SRY-F：5’-GCCACAGAAATCGCTTCC-3’(SEQ ID NO.3)；

SRY-R：5’-CCGTGTAGCCAATGTTACCTT-3’(SEQ ID NO.4)。

4. the detection method according to any one of claims 1 to 3, wherein each of X sperm and Y sperm in the standard is independently a recombinant plasmid containing an X sperm-specific gene and a recombinant plasmid containing a Y sperm-specific gene;

preferably, the X sperm-unique gene comprises a PLP gene;

preferably, the Y sperm unique gene comprises an SRY gene.

5. A kit for detecting the purity of animal sexual control semen is characterized by comprising an X sperm primer pair, a Y sperm primer pair and a standard substance.

6. The kit according to claim 5, wherein the animal sexual control semen comprises bovine sexual control semen, the X sperm primer pair is preferably a PLP gene primer pair, and the Y sperm primer pair is preferably an SRY gene primer pair.

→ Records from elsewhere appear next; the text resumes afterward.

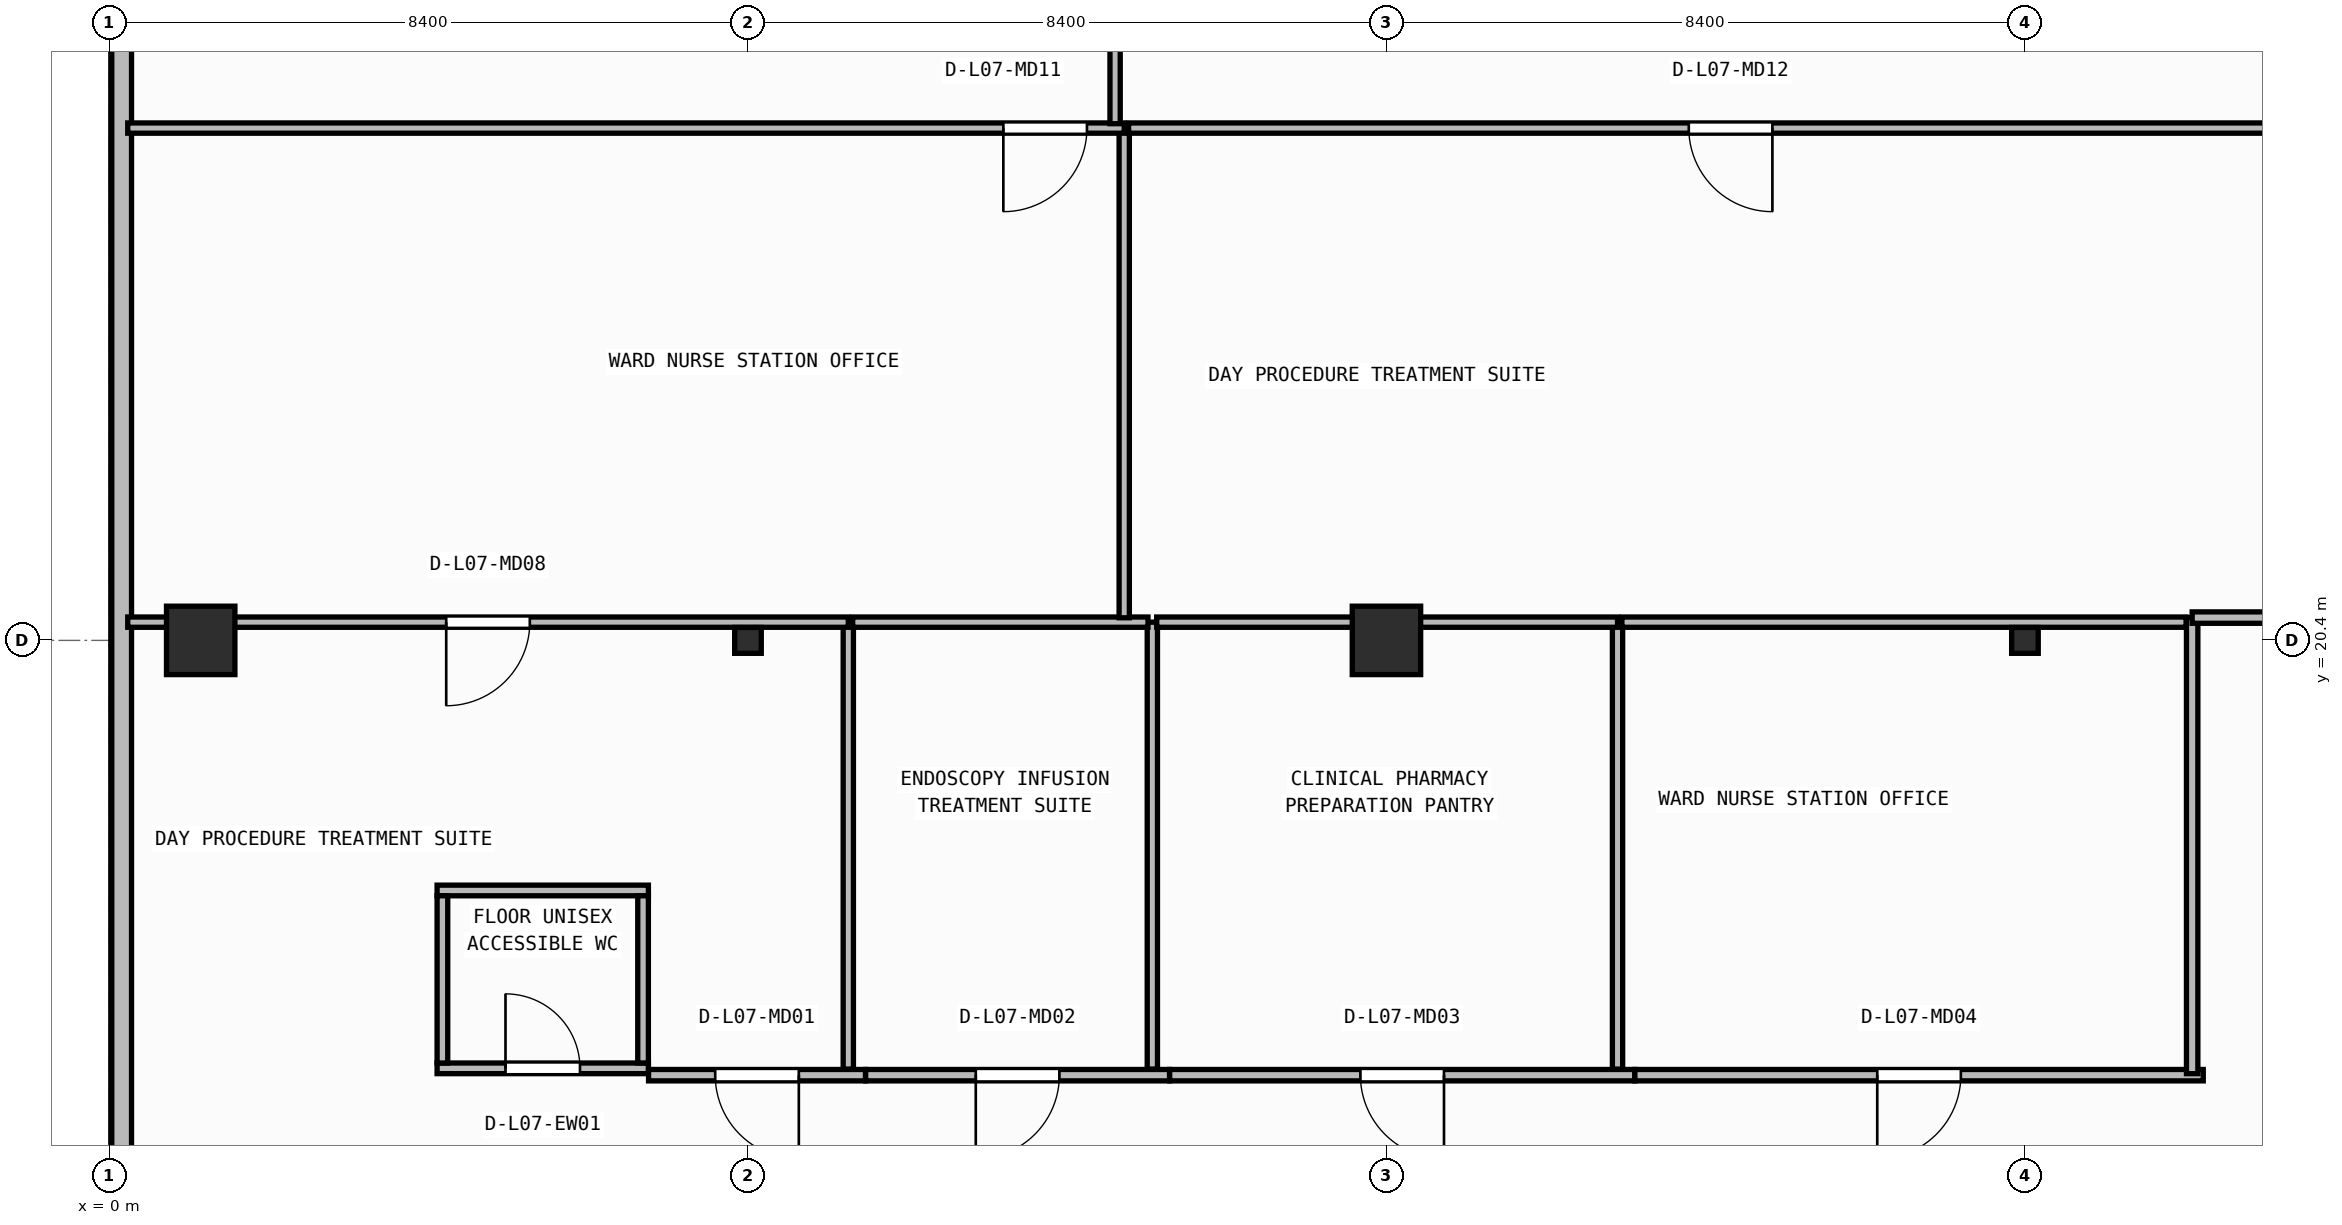
"""IFC4 building model, lengths in metres.
Left out: names, types, materials, properties, quantities, classifications, styles, units other than length and angle.
Written with IfcOpenShell. Run it as: python <this file> out.ifc"""

import sys

from ifc_helpers import new_model, si_unit, direction, frame, frame_2d, origin, origin_2d, place, context, subcontext, project, spatial, rectangle, i_section, extrude, element, fill, save


model = new_model("IFC4")
c1 = context("Model", 3, precision=1e-05, world=origin(), true_north=direction((0.0, 1.0)))
c2 = subcontext(c1, "Body", "Model", "MODEL_VIEW")
j1 = project(units=[si_unit("LENGTHUNIT", "METRE"), si_unit("PLANEANGLEUNIT", "RADIAN")], contexts=[c1])
p1 = place(None, origin())
s1 = spatial("IfcSite", under=j1, at=p1, CompositionType="ELEMENT")
p2 = place(p1, origin())
s2 = spatial("IfcBuilding", under=s1, at=p2, CompositionType="ELEMENT")
p3 = place(p2, frame((0.0, 0.0, 30.4)))
s3 = spatial("IfcBuildingStorey", under=s2, at=p3, CompositionType="ELEMENT", Elevation=30.4)
p4 = place(p3, frame((1.2, 20.4, 0.0), z_axis=(0.0, 0.0, 1.0), x_axis=(1.0, 0.0, 0.0)))
e1 = element("IfcColumn", 1, at=p4, inside=s3, PredefinedType="COLUMN", context=c2, shape_type="SweptSolid", body=[
    extrude(rectangle(XDim=0.9, YDim=0.9, at=origin_2d()), origin(), (0.0, 0.0, 1.0), 3.95),
])
p5 = place(p3, frame((8.4, 20.4, 0.0), z_axis=(0.0, 0.0, 1.0), x_axis=(1.0, 0.0, 0.0)))
e2 = element("IfcColumn", 2, at=p5, inside=s3, PredefinedType="COLUMN", context=c2, shape_type="SweptSolid", body=[
    extrude(i_section(OverallWidth=0.35, OverallDepth=0.34, WebThickness=0.016, FlangeThickness=0.028, at=origin_2d()), origin(), (0.0, 0.0, 1.0), 3.95),
])
p6 = place(p3, frame((16.8, 20.4, 0.0), z_axis=(0.0, 0.0, 1.0), x_axis=(1.0, 0.0, 0.0)))
e3 = element("IfcColumn", 3, at=p6, inside=s3, PredefinedType="COLUMN", context=c2, shape_type="SweptSolid", body=[
    extrude(rectangle(XDim=0.9, YDim=0.9, at=origin_2d()), origin(), (0.0, 0.0, 1.0), 3.95),
])
p7 = place(p3, frame((25.2, 20.4, 0.0), z_axis=(0.0, 0.0, 1.0), x_axis=(1.0, 0.0, 0.0)))
e4 = element("IfcColumn", 4, at=p7, inside=s3, PredefinedType="COLUMN", context=c2, shape_type="SweptSolid", body=[
    extrude(i_section(OverallWidth=0.35, OverallDepth=0.34, WebThickness=0.016, FlangeThickness=0.028, at=origin_2d()), origin(), (0.0, 0.0, 1.0), 3.95),
])
p8 = place(p3, frame((0.16, 41.04, 0.0), z_axis=(0.0, 0.0, 1.0), x_axis=(0.0, -1.0, 0.0)))
e5 = element("IfcWall", 5, at=p8, inside=s3, PredefinedType="STANDARD", context=c2, shape_type="SweptSolid", body=[
    extrude(rectangle(XDim=38.28, YDim=0.26, at=frame_2d((19.14, 0.0))), origin(), (0.0, 0.0, 1.0), 3.71),
])
p9 = place(p8, frame((28.15, 0.0, 0.9)))
e6 = element("IfcOpeningElement", 6, at=p9, cuts=e5, PredefinedType="OPENING", context=c2, shape_type="SweptSolid", body=[
    extrude(rectangle(XDim=2.4, YDim=1.65, at=frame_2d((1.2, 0.825))), frame((0.0, 0.14, 0.0), z_axis=(0.0, -1.0, 0.0), x_axis=(1.0, 0.0, 0.0)), (0.0, 0.0, 1.0), 0.28),
])
p10 = place(p3, frame((4.31, 14.77, 0.0), z_axis=(0.0, 0.0, 1.0), x_axis=(1.0, 0.0, 0.0)))
e7 = element("IfcWall", 7, at=p10, inside=s3, PredefinedType="PARTITIONING", context=c2, shape_type="SweptSolid", body=[
    extrude(rectangle(XDim=2.78, YDim=0.14, at=frame_2d((1.39, 0.0))), origin(), (0.0, 0.0, 1.0), 3.71),
])
p11 = place(p10, frame((0.9, 0.0, 0.0)))
e8 = element("IfcOpeningElement", 8, at=p11, cuts=e7, PredefinedType="OPENING", context=c2, shape_type="SweptSolid", body=[
    extrude(rectangle(XDim=0.98, YDim=2.1, at=frame_2d((0.49, 1.05))), frame((0.0, 0.08, 0.0), z_axis=(0.0, -1.0, 0.0), x_axis=(1.0, 0.0, 0.0)), (0.0, 0.0, 1.0), 0.16),
])
p12 = place(p3, frame((4.31, 17.11, 0.0), z_axis=(0.0, 0.0, 1.0), x_axis=(1.0, 0.0, 0.0)))
e9 = element("IfcWall", 9, at=p12, inside=s3, PredefinedType="PARTITIONING", context=c2, shape_type="SweptSolid", body=[
    extrude(rectangle(XDim=2.78, YDim=0.14, at=frame_2d((1.39, 0.0))), origin(), (0.0, 0.0, 1.0), 3.71),
])
for number, where, z_axis, x_axis in (
    (10, (4.38, 14.84, 0.0), (0.0, 0.0, 1.0), (0.0, 1.0, 0.0)),
    (11, (7.02, 14.84, 0.0), (0.0, 0.0, 1.0), (0.0, 1.0, 0.0)),
):
    element("IfcWall", number, at=place(p3, frame(where, z_axis=z_axis, x_axis=x_axis)), inside=s3, PredefinedType="PARTITIONING", context=c2, shape_type="SweptSolid", body=[
        extrude(rectangle(XDim=2.2, YDim=0.14, at=frame_2d((1.1, 0.0))), origin(), (0.0, 0.0, 1.0), 3.71),
    ])
p13 = place(p3, frame((9.946, 14.68, 0.0), z_axis=(0.0, 0.0, 1.0), x_axis=(-1.0, 0.0, 0.0)))
e12 = element("IfcWall", 12, at=p13, inside=s3, PredefinedType="PARTITIONING", context=c2, shape_type="SweptSolid", body=[
    extrude(rectangle(XDim=2.854, YDim=0.15, at=frame_2d((1.427, 0.0))), origin(), (0.0, 0.0, 1.0), 3.71),
])
p14 = place(p13, frame((0.877, 0.0, 0.0)))
e13 = element("IfcOpeningElement", 13, at=p14, cuts=e12, PredefinedType="OPENING", context=c2, shape_type="SweptSolid", body=[
    extrude(rectangle(XDim=1.1, YDim=2.1, at=frame_2d((0.55, 1.05))), frame((0.0, 0.085, 0.0), z_axis=(0.0, -1.0, 0.0), x_axis=(1.0, 0.0, 0.0)), (0.0, 0.0, 1.0), 0.17),
])
p15 = place(p3, frame((13.946, 14.68, 0.0), z_axis=(0.0, 0.0, 1.0), x_axis=(-1.0, 0.0, 0.0)))
e14 = element("IfcWall", 14, at=p15, inside=s3, PredefinedType="PARTITIONING", context=c2, shape_type="SweptSolid", body=[
    extrude(rectangle(XDim=3.998, YDim=0.15, at=frame_2d((1.999, 0.0))), origin(), (0.0, 0.0, 1.0), 3.71),
])
p16 = place(p15, frame((1.449, 0.0, 0.0)))
e15 = element("IfcOpeningElement", 15, at=p16, cuts=e14, PredefinedType="OPENING", context=c2, shape_type="SweptSolid", body=[
    extrude(rectangle(XDim=1.1, YDim=2.1, at=frame_2d((0.55, 1.05))), frame((0.0, 0.085, 0.0), z_axis=(0.0, -1.0, 0.0), x_axis=(1.0, 0.0, 0.0)), (0.0, 0.0, 1.0), 0.17),
])
p17 = place(p3, frame((20.066, 14.68, 0.0), z_axis=(0.0, 0.0, 1.0), x_axis=(-1.0, 0.0, 0.0)))
e16 = element("IfcWall", 16, at=p17, inside=s3, PredefinedType="PARTITIONING", context=c2, shape_type="SweptSolid", body=[
    extrude(rectangle(XDim=6.118, YDim=0.15, at=frame_2d((3.059, 0.0))), origin(), (0.0, 0.0, 1.0), 3.71),
])
p18 = place(p17, frame((2.509, 0.0, 0.0)))
e17 = element("IfcOpeningElement", 17, at=p18, cuts=e16, PredefinedType="OPENING", context=c2, shape_type="SweptSolid", body=[
    extrude(rectangle(XDim=1.1, YDim=2.1, at=frame_2d((0.55, 1.05))), frame((0.0, 0.085, 0.0), z_axis=(0.0, -1.0, 0.0), x_axis=(1.0, 0.0, 0.0)), (0.0, 0.0, 1.0), 0.17),
])
p19 = place(p3, frame((27.546, 14.68, 0.0), z_axis=(0.0, 0.0, 1.0), x_axis=(-1.0, 0.0, 0.0)))
e18 = element("IfcWall", 18, at=p19, inside=s3, PredefinedType="PARTITIONING", context=c2, shape_type="SweptSolid", body=[
    extrude(rectangle(XDim=7.478, YDim=0.15, at=frame_2d((3.739, 0.0))), origin(), (0.0, 0.0, 1.0), 3.71),
])
p20 = place(p19, frame((3.189, 0.0, 0.0)))
e19 = element("IfcOpeningElement", 19, at=p20, cuts=e18, PredefinedType="OPENING", context=c2, shape_type="SweptSolid", body=[
    extrude(rectangle(XDim=1.1, YDim=2.1, at=frame_2d((0.55, 1.05))), frame((0.0, 0.085, 0.0), z_axis=(0.0, -1.0, 0.0), x_axis=(1.0, 0.0, 0.0)), (0.0, 0.0, 1.0), 0.17),
])
p21 = place(p3, frame((27.4, 20.7, 0.0), z_axis=(0.0, 0.0, 1.0), x_axis=(0.0, -1.0, 0.0)))
e20 = element("IfcWall", 20, at=p21, inside=s3, PredefinedType="PARTITIONING", context=c2, shape_type="SweptSolid", body=[
    extrude(rectangle(XDim=6.0, YDim=0.15, at=frame_2d((3.0, 0.0))), origin(), (0.0, 0.0, 1.0), 3.71),
])
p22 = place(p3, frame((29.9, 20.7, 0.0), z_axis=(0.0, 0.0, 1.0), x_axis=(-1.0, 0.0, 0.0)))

7. The kit of claim 6, wherein the sequence of the PLP gene primer pair is as follows:

PLP-F：5’-TGCTGCTCTCGTTTCACC-3’(SEQ ID NO.1)；

PLP-R：5’-CCCCACATTTGTCTTACC-3’(SEQ ID NO.2)；

preferably, the sequence of the SRY gene primer pair is as follows:

SRY-F：5’-GCCACAGAAATCGCTTCC-3’(SEQ ID NO.3)；

SRY-R：5’-CCGTGTAGCCAATGTTACCTT-3’(SEQ ID NO.4)。

8. the kit according to claim 5, wherein the standards are X sperm and Y sperm, each of which are individually or in combination packaged;

9. The kit according to any one of claims 5 to 8, wherein each of X sperm and Y sperm in the standard is independently a recombinant plasmid containing a unique gene for X sperm and a recombinant plasmid containing a unique gene for Y sperm;

preferably, the X sperm-unique gene comprises a PLP gene;

preferably, the Y sperm unique gene comprises an SRY gene.

10. Use of the detection method according to any one of claims 1 to 4 or the kit according to any one of claims 5 to 9 for assessing the quality of an animal's sexual control semen product.